Good Day and Compliments of the Season to all Suppliers.

In anticipation of the new Mini Minikin 50W - please confirm if any one has - or is planning to stock good quality 18500 - high mAh Batteries for this Mod. 

Thank You so much for all your support and looking forward to your soonest possible comments.


----------



## Max (19/1/17)

Hi @Mari @Vapers Corner @Vaperite South Africa @Sir Vape @KieranD @JakesSA @vaporize.co.za @Maxxis @Stroodlepuff @Rob Fisher @Silver - Please confirm if there has been any progress on this Mod coming to SA...!!
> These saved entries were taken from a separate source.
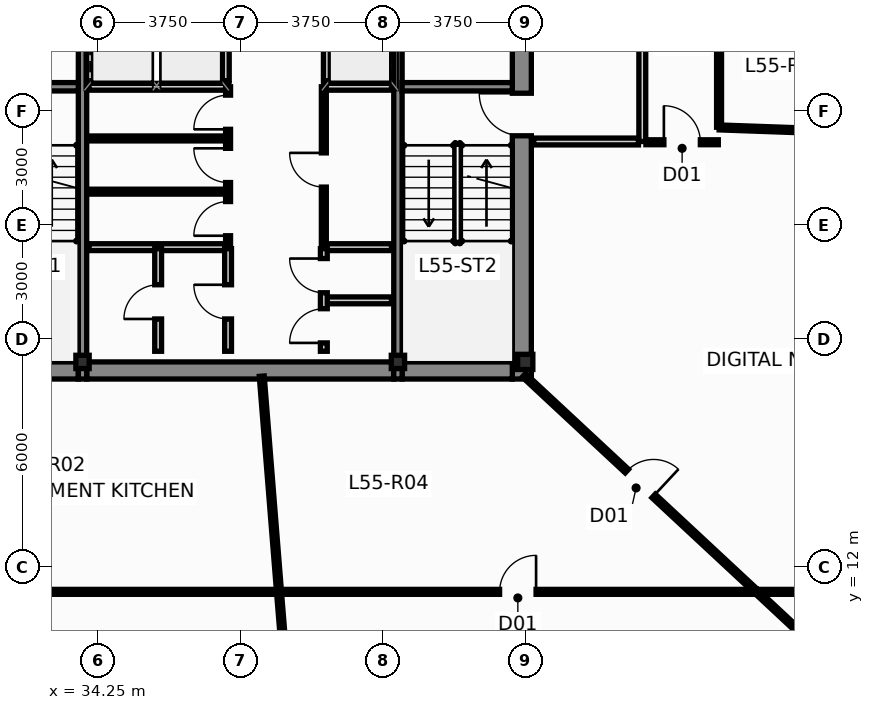
"""IFC4 building model, lengths in metres.
Left out: names, types, materials, properties, quantities, classifications, styles, units other than length and angle.
Written with IfcOpenShell. Run it as: python <this file> out.ifc"""

import sys

from ifc_helpers import new_model, si_unit, direction, frame, frame_2d, origin, origin_2d, place, context, subcontext, project, spatial, rectangle, hollow_rectangle, i_section, extrude, source, transform, mapped, element, fill, save


model = new_model("IFC4")
c1 = context("Model", 3, precision=1e-05, world=origin(), true_north=direction((0.0, 1.0)))
c2 = subcontext(c1, "Body", "Model", "MODEL_VIEW")
j1 = project(units=[si_unit("LENGTHUNIT", "METRE"), si_unit("PLANEANGLEUNIT", "RADIAN")], contexts=[c1])
p1 = place(None, origin())
s1 = spatial("IfcSite", under=j1, at=p1, CompositionType="ELEMENT")
p2 = place(p1, origin())
s2 = spatial("IfcBuilding", under=s1, at=p2, CompositionType="ELEMENT")
p3 = place(p2, frame((0.0, 0.0, 209.6)))
s3 = spatial("IfcBuildingStorey", under=s2, at=p3, CompositionType="ELEMENT", Elevation=209.6)
m1 = source(origin(), c2, "Body", "SweptSolid", [
    extrude(i_section(OverallWidth=0.4, OverallDepth=0.4, WebThickness=0.02, FlangeThickness=0.032, at=origin_2d()), origin(), (0.0, 0.0, 1.0), 3.65),
])
p4 = place(p3, frame((45.5, 17.4, 0.0), z_axis=(0.0, 0.0, 1.0), x_axis=(1.0, 0.0, 0.0)))
e1 = element("IfcColumn", 1, at=p4, inside=s3, PredefinedType="COLUMN", context=c2, shape_type="MappedRepresentation", body=[
    mapped(m1, transform((0.0, 0.0, 0.0), scale=1.0)),
])
m2 = source(origin(), c2, "Body", "SweptSolid", [
    extrude(hollow_rectangle(XDim=0.35, YDim=0.35, WallThickness=0.016, at=origin_2d()), origin(), (0.0, 0.0, 1.0), 3.65),
])
for number, where, z_axis, x_axis in (
    (2, (33.85, 17.4, 0.0), (0.0, 0.0, 1.0), (1.0, 0.0, 0.0)),
    (3, (42.15, 17.4, 0.0), (0.0, 0.0, 1.0), (1.0, 0.0, 0.0)),
):
    element("IfcColumn", number, at=place(p3, frame(where, z_axis=z_axis, x_axis=x_axis)), inside=s3, PredefinedType="COLUMN", context=c2, shape_type="MappedRepresentation", body=[
        mapped(m2, transform((0.0, 0.0, 0.0), scale=1.0)),
    ])
p5 = place(p3, frame((45.41, 16.95, 0.0), z_axis=(0.0, 0.0, 1.0), x_axis=(0.0, 1.0, 0.0)))
e4 = element("IfcWall", 4, at=p5, inside=s3, PredefinedType="SHEAR", context=c2, shape_type="SweptSolid", body=[
    extrude(rectangle(XDim=13.275, YDim=0.5, at=frame_2d((6.638, 0.0))), origin(), (0.0, 0.0, 1.0), 3.65),
])
p6 = place(p5, frame((6.4, 0.0, 0.0)))
e5 = element("IfcOpeningElement", 5, at=p6, cuts=e4, PredefinedType="OPENING", context=c2, shape_type="SweptSolid", body=[
    extrude(rectangle(XDim=1.12, YDim=2.15, at=frame_2d((0.56, 1.075))), frame((0.0, 0.262, 0.0), z_axis=(0.0, -1.0, 0.0), x_axis=(1.0, 0.0, 0.0)), (0.0, 0.0, 1.0), 0.524),
])
p7 = place(p5, frame((10.85, 0.0, 0.0)))
e6 = element("IfcOpeningElement", 6, at=p7, cuts=e4, PredefinedType="OPENING", context=c2, shape_type="SweptSolid", body=[
    extrude(rectangle(XDim=1.2, YDim=2.2, at=frame_2d((0.6, 1.1))), frame((0.0, 0.262, 0.0), z_axis=(0.0, -1.0, 0.0), x_axis=(1.0, 0.0, 0.0)), (0.0, 0.0, 1.0), 0.524),
])
p8 = place(p3, frame((30.84, 17.175, 0.0), z_axis=(0.0, 0.0, 1.0), x_axis=(1.0, 0.0, 0.0)))
e7 = element("IfcWall", 7, at=p8, inside=s3, PredefinedType="SHEAR", context=c2, shape_type="SweptSolid", body=[
    extrude(rectangle(XDim=2.9, YDim=0.45, at=frame_2d((1.45, 0.0))), origin(), (0.0, 0.0, 1.0), 3.65),
])
p9 = place(p3, frame((33.96, 17.175, 0.0), z_axis=(0.0, 0.0, 1.0), x_axis=(1.0, 0.0, 0.0)))
e8 = element("IfcWall", 8, at=p9, inside=s3, PredefinedType="SHEAR", context=c2, shape_type="SweptSolid", body=[
    extrude(rectangle(XDim=8.08, YDim=0.45, at=frame_2d((4.04, 0.0))), origin(), (0.0, 0.0, 1.0), 3.65),
])
p10 = place(p3, frame((42.26, 17.175, 0.0), z_axis=(0.0, 0.0, 1.0), x_axis=(1.0, 0.0, 0.0)))
e9 = element("IfcWall", 9, at=p10, inside=s3, PredefinedType="SHEAR", context=c2, shape_type="SweptSolid", body=[
    extrude(rectangle(XDim=2.9, YDim=0.45, at=frame_2d((1.45, 0.0))), origin(), (0.0, 0.0, 1.0), 3.65),
])
for number, where, z_axis, x_axis in (
    (10, (33.85, 16.95, 0.0), (0.0, 0.0, 1.0), (0.0, 1.0, 0.0)),
    (11, (42.15, 16.95, 0.0), (0.0, 0.0, 1.0), (0.0, 1.0, 0.0)),
):
    element("IfcWall", number, at=place(p3, frame(where, z_axis=z_axis, x_axis=x_axis)), inside=s3, PredefinedType="SHEAR", context=c2, shape_type="SweptSolid", body=[
        extrude(rectangle(XDim=13.275, YDim=0.22, at=frame_2d((6.638, 0.0))), origin(), (0.0, 0.0, 1.0), 3.65),
    ])
for number, where, z_axis, x_axis in (
    (12, (30.84, 24.64, 0.0), (0.0, 0.0, 1.0), (1.0, 0.0, 0.0)),
    (13, (42.26, 24.64, 0.0), (0.0, 0.0, 1.0), (1.0, 0.0, 0.0)),
):
    element("IfcWall", number, at=place(p3, frame(where, z_axis=z_axis, x_axis=x_axis)), inside=s3, PredefinedType="SHEAR", context=c2, shape_type="SweptSolid", body=[
        extrude(rectangle(XDim=2.9, YDim=0.22, at=frame_2d((1.45, 0.0))), origin(), (0.0, 0.0, 1.0), 3.65),
    ])
for number, where, z_axis, x_axis in (
    (14, (37.62, 24.8, 0.0), (0.0, 0.0, 1.0), (0.0, 1.0, 0.0)),
    (15, (40.28, 24.8, 0.0), (0.0, 0.0, 1.0), (0.0, 1.0, 0.0)),
):
    element("IfcWall", number, at=place(p3, frame(where, z_axis=z_axis, x_axis=x_axis)), inside=s3, PredefinedType="PARTITIONING", context=c2, shape_type="SweptSolid", body=[
        extrude(rectangle(XDim=2.0, YDim=0.18, at=frame_2d((1.0, 0.0))), origin(), (0.0, 0.0, 1.0), 3.4),
    ])
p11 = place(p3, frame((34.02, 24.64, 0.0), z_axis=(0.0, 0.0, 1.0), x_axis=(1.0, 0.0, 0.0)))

http://www.asmodus.com/asMODus-Mini-Minikin-50W-Complete-Kit-p/asmodus-mini-minikin-kit.htm


----------



## Rob Fisher (19/1/17)

Max said:


> Hi @Mari @Vapers Corner @Vaperite South Africa @Sir Vape @KieranD @JakesSA @vaporize.co.za @Maxxis @Stroodlepuff @Rob Fisher @Silver - Please confirm if there has been any progress on this Mod coming to SA...!!



@Max I have no idea as I'm not a vendor.  And I haven't heard from any vendors on wether this mod is coming in or not or when. Sorry.

Reactions: Winner 1


----------



## Sir Vape (20/1/17)

No update yet but when they in we will get


----------